The saddest part is that they’re mostly p**sies who can’t come right out and say “yes I wholeheartedly agree that a person should be allowed to discriminate against people because they’re gay.” Instead, they tip toe around by pointing to those few who are at least man enough to do it and then make the weak sauce argument that they only want  “civil discourse”.  But the reality is that many people including myself have given plenty of civil discourse and have been told we’re child molesters or worse in response. Well, funny that I’ve never heard of a gay person dragging someone behind a pickup truck or torturing them, tying them up with barbed wire and then leaving them to die because they were straight. I’ve never even heard of a gay person refusing to sell pastry or anything because a person was straight. The only people not being civil are the ones breaking the law and treating others cruelly.

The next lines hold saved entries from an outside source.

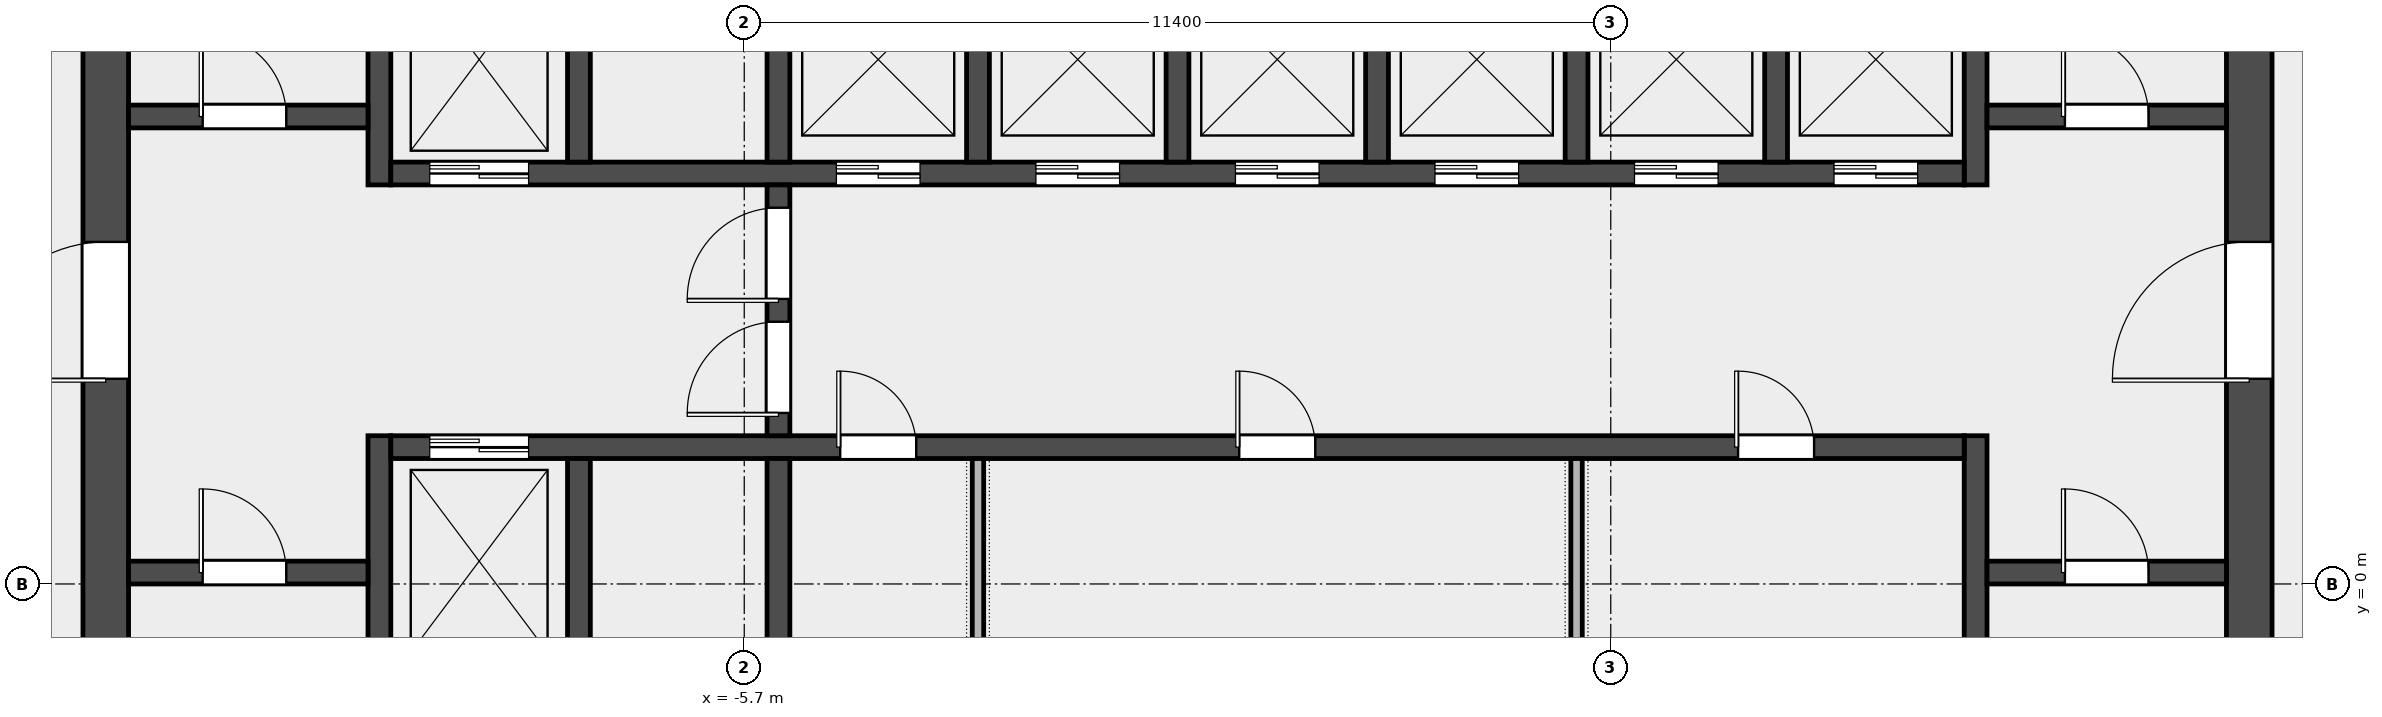
"""IFC4 building model, lengths in metres.
Left out: names, types, materials, properties, quantities, classifications, styles, units other than length and angle.
Written with IfcOpenShell. Run it as: python <this file> out.ifc"""

import sys

from ifc_helpers import new_model, si_unit, direction, frame, frame_2d, origin, place, context, subcontext, project, spatial, rectangle, extrude, element, fill, save


model = new_model("IFC4")
c1 = context("Model", 3, precision=1e-05, world=origin(), true_north=direction((0.0, 1.0)))
c2 = subcontext(c1, "Body", "Model", "MODEL_VIEW")
j1 = project(units=[si_unit("LENGTHUNIT", "METRE"), si_unit("PLANEANGLEUNIT", "RADIAN")], contexts=[c1])
p1 = place(None, origin())
s1 = spatial("IfcSite", under=j1, at=p1, CompositionType="ELEMENT")
p2 = place(p1, origin())
s2 = spatial("IfcBuilding", under=s1, at=p2, CompositionType="ELEMENT")
p3 = place(p2, frame((0.0, 0.0, 279.4)))
s3 = spatial("IfcBuildingStorey", under=s2, at=p3, CompositionType="ELEMENT", Elevation=279.4)
p4 = place(p3, frame((-14.1, -6.6, 0.0), z_axis=(0.0, 0.0, 1.0), x_axis=(0.0, 1.0, 0.0)))
e1 = element("IfcWall", 1, at=p4, inside=s3, PredefinedType="SHEAR", context=c2, shape_type="SweptSolid", body=[
    extrude(rectangle(XDim=19.5, YDim=0.6, at=frame_2d((9.75, 0.0))), origin(), (0.0, 0.0, 1.0), 3.7),
])
p5 = place(p4, frame((9.3, 0.0, 0.0)))
e2 = element("IfcOpeningElement", 2, at=p5, cuts=e1, PredefinedType="OPENING", context=c2, shape_type="SweptSolid", body=[
    extrude(rectangle(XDim=1.8, YDim=2.1, at=frame_2d((0.9, 1.05))), frame((0.0, 0.312, 0.0), z_axis=(0.0, -1.0, 0.0), x_axis=(1.0, 0.0, 0.0)), (0.0, 0.0, 1.0), 0.624),
])
p6 = place(p3, frame((14.1, -6.6, 0.0), z_axis=(0.0, 0.0, 1.0), x_axis=(0.0, 1.0, 0.0)))
e3 = element("IfcWall", 3, at=p6, inside=s3, PredefinedType="SHEAR", context=c2, shape_type="SweptSolid", body=[
    extrude(rectangle(XDim=19.5, YDim=0.6, at=frame_2d((9.75, 0.0))), origin(), (0.0, 0.0, 1.0), 3.7),
])
p7 = place(p6, frame((9.3, 0.0, 0.0)))
e4 = element("IfcOpeningElement", 4, at=p7, cuts=e3, PredefinedType="OPENING", context=c2, shape_type="SweptSolid", body=[
    extrude(rectangle(XDim=1.8, YDim=2.1, at=frame_2d((0.9, 1.05))), frame((0.0, 0.312, 0.0), z_axis=(0.0, -1.0, 0.0), x_axis=(1.0, 0.0, 0.0)), (0.0, 0.0, 1.0), 0.624),
])
p8 = place(p3, frame((-10.5, -6.6, 0.0), z_axis=(0.0, 0.0, 1.0), x_axis=(0.0, 1.0, 0.0)))
e5 = element("IfcWall", 5, at=p8, inside=s3, PredefinedType="SHEAR", context=c2, shape_type="SweptSolid", body=[
    extrude(rectangle(XDim=8.55, YDim=0.3, at=frame_2d((4.275, 0.0))), origin(), (0.0, 0.0, 1.0), 3.7),
])
p9 = place(p3, frame((-10.5, 5.25, 0.0), z_axis=(0.0, 0.0, 1.0), x_axis=(0.0, 1.0, 0.0)))
e6 = element("IfcWall", 6, at=p9, inside=s3, PredefinedType="SHEAR", context=c2, shape_type="SweptSolid", body=[
    extrude(rectangle(XDim=7.65, YDim=0.3, at=frame_2d((3.825, 0.0))), origin(), (0.0, 0.0, 1.0), 3.7),
])
p10 = place(p3, frame((10.5, -6.6, 0.0), z_axis=(0.0, 0.0, 1.0), x_axis=(0.0, 1.0, 0.0)))
e7 = element("IfcWall", 7, at=p10, inside=s3, PredefinedType="SHEAR", context=c2, shape_type="SweptSolid", body=[
    extrude(rectangle(XDim=8.55, YDim=0.3, at=frame_2d((4.275, 0.0))), origin(), (0.0, 0.0, 1.0), 3.7),
])
p11 = place(p3, frame((10.5, 5.25, 0.0), z_axis=(0.0, 0.0, 1.0), x_axis=(0.0, 1.0, 0.0)))
e8 = element("IfcWall", 8, at=p11, inside=s3, PredefinedType="SHEAR", context=c2, shape_type="SweptSolid", body=[
    extrude(rectangle(XDim=7.65, YDim=0.3, at=frame_2d((3.825, 0.0))), origin(), (0.0, 0.0, 1.0), 3.7),
])
p12 = place(p3, frame((-13.8, 0.15, 0.0), z_axis=(0.0, 0.0, 1.0), x_axis=(1.0, 0.0, 0.0)))
e9 = element("IfcWall", 9, at=p12, inside=s3, PredefinedType="SOLIDWALL", context=c2, shape_type="SweptSolid", body=[
    extrude(rectangle(XDim=3.15, YDim=0.3, at=frame_2d((1.575, 0.0))), origin(), (0.0, 0.0, 1.0), 3.7),
])
p13 = place(p12, frame((0.975, 0.0, 0.0)))
e10 = element("IfcOpeningElement", 10, at=p13, cuts=e9, PredefinedType="OPENING", context=c2, shape_type="SweptSolid", body=[
    extrude(rectangle(XDim=1.1, YDim=2.1, at=frame_2d((0.55, 1.05))), frame((0.0, 0.162, 0.0), z_axis=(0.0, -1.0, 0.0), x_axis=(1.0, 0.0, 0.0)), (0.0, 0.0, 1.0), 0.324),
])
p14 = place(p3, frame((-13.8, 6.15, 0.0), z_axis=(0.0, 0.0, 1.0), x_axis=(1.0, 0.0, 0.0)))
e11 = element("IfcWall", 11, at=p14, inside=s3, PredefinedType="SOLIDWALL", context=c2, shape_type="SweptSolid", body=[
    extrude(rectangle(XDim=3.15, YDim=0.3, at=frame_2d((1.575, 0.0))), origin(), (0.0, 0.0, 1.0), 3.7),
])
p15 = place(p14, frame((0.975, 0.0, 0.0)))
e12 = element("IfcOpeningElement", 12, at=p15, cuts=e11, PredefinedType="OPENING", context=c2, shape_type="SweptSolid", body=[
    extrude(rectangle(XDim=1.1, YDim=2.1, at=frame_2d((0.55, 1.05))), frame((0.0, 0.162, 0.0), z_axis=(0.0, -1.0, 0.0), x_axis=(1.0, 0.0, 0.0)), (0.0, 0.0, 1.0), 0.324),
])
p16 = place(p3, frame((10.65, 0.15, 0.0), z_axis=(0.0, 0.0, 1.0), x_axis=(1.0, 0.0, 0.0)))
e13 = element("IfcWall", 13, at=p16, inside=s3, PredefinedType="SOLIDWALL", context=c2, shape_type="SweptSolid", body=[
    extrude(rectangle(XDim=3.15, YDim=0.3, at=frame_2d((1.575, 0.0))), origin(), (0.0, 0.0, 1.0), 3.7),
])
p17 = place(p16, frame((1.025, 0.0, 0.0)))
e14 = element("IfcOpeningElement", 14, at=p17, cuts=e13, PredefinedType="OPENING", context=c2, shape_type="SweptSolid", body=[
    extrude(rectangle(XDim=1.1, YDim=2.1, at=frame_2d((0.55, 1.05))), frame((0.0, 0.162, 0.0), z_axis=(0.0, -1.0, 0.0), x_axis=(1.0, 0.0, 0.0)), (0.0, 0.0, 1.0), 0.324),
])
p18 = place(p3, frame((10.65, 6.15, 0.0), z_axis=(0.0, 0.0, 1.0), x_axis=(1.0, 0.0, 0.0)))
e15 = element("IfcWall", 15, at=p18, inside=s3, PredefinedType="SOLIDWALL", context=c2, shape_type="SweptSolid", body=[
    extrude(rectangle(XDim=3.15, YDim=0.3, at=frame_2d((1.575, 0.0))), origin(), (0.0, 0.0, 1.0), 3.7),
])
p19 = place(p18, frame((1.025, 0.0, 0.0)))
e16 = element("IfcOpeningElement", 16, at=p19, cuts=e15, PredefinedType="OPENING", context=c2, shape_type="SweptSolid", body=[
    extrude(rectangle(XDim=1.1, YDim=2.1, at=frame_2d((0.55, 1.05))), frame((0.0, 0.162, 0.0), z_axis=(0.0, -1.0, 0.0), x_axis=(1.0, 0.0, 0.0)), (0.0, 0.0, 1.0), 0.324),
])
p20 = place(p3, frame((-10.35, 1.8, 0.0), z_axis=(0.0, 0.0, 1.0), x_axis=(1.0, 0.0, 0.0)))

People like him are the exact reason I am no longer nice and fully support making the existence of bigots as miserable as the law allows. Rubbing equality in their faces works. Refusing to let them draw the line in a place, or dictate the terms of engagement, in a place that presumes it is ok to treat other as second class citizens without having to take responsibility for it also works. Making it clear that you have zero respect for their sorry “the bible made me do it” nonsense, and that their precious book carries zero weight with you and the laws of the United States, works best.  In the end, when you point out that you and the law don’t give a s**t about their book, all they have left is to call you a child molester. There is literally no legitimate argument for them to make. And as I have said many times, I am perfectly happy playing their way wallowing around in the muck with those bottom feeders.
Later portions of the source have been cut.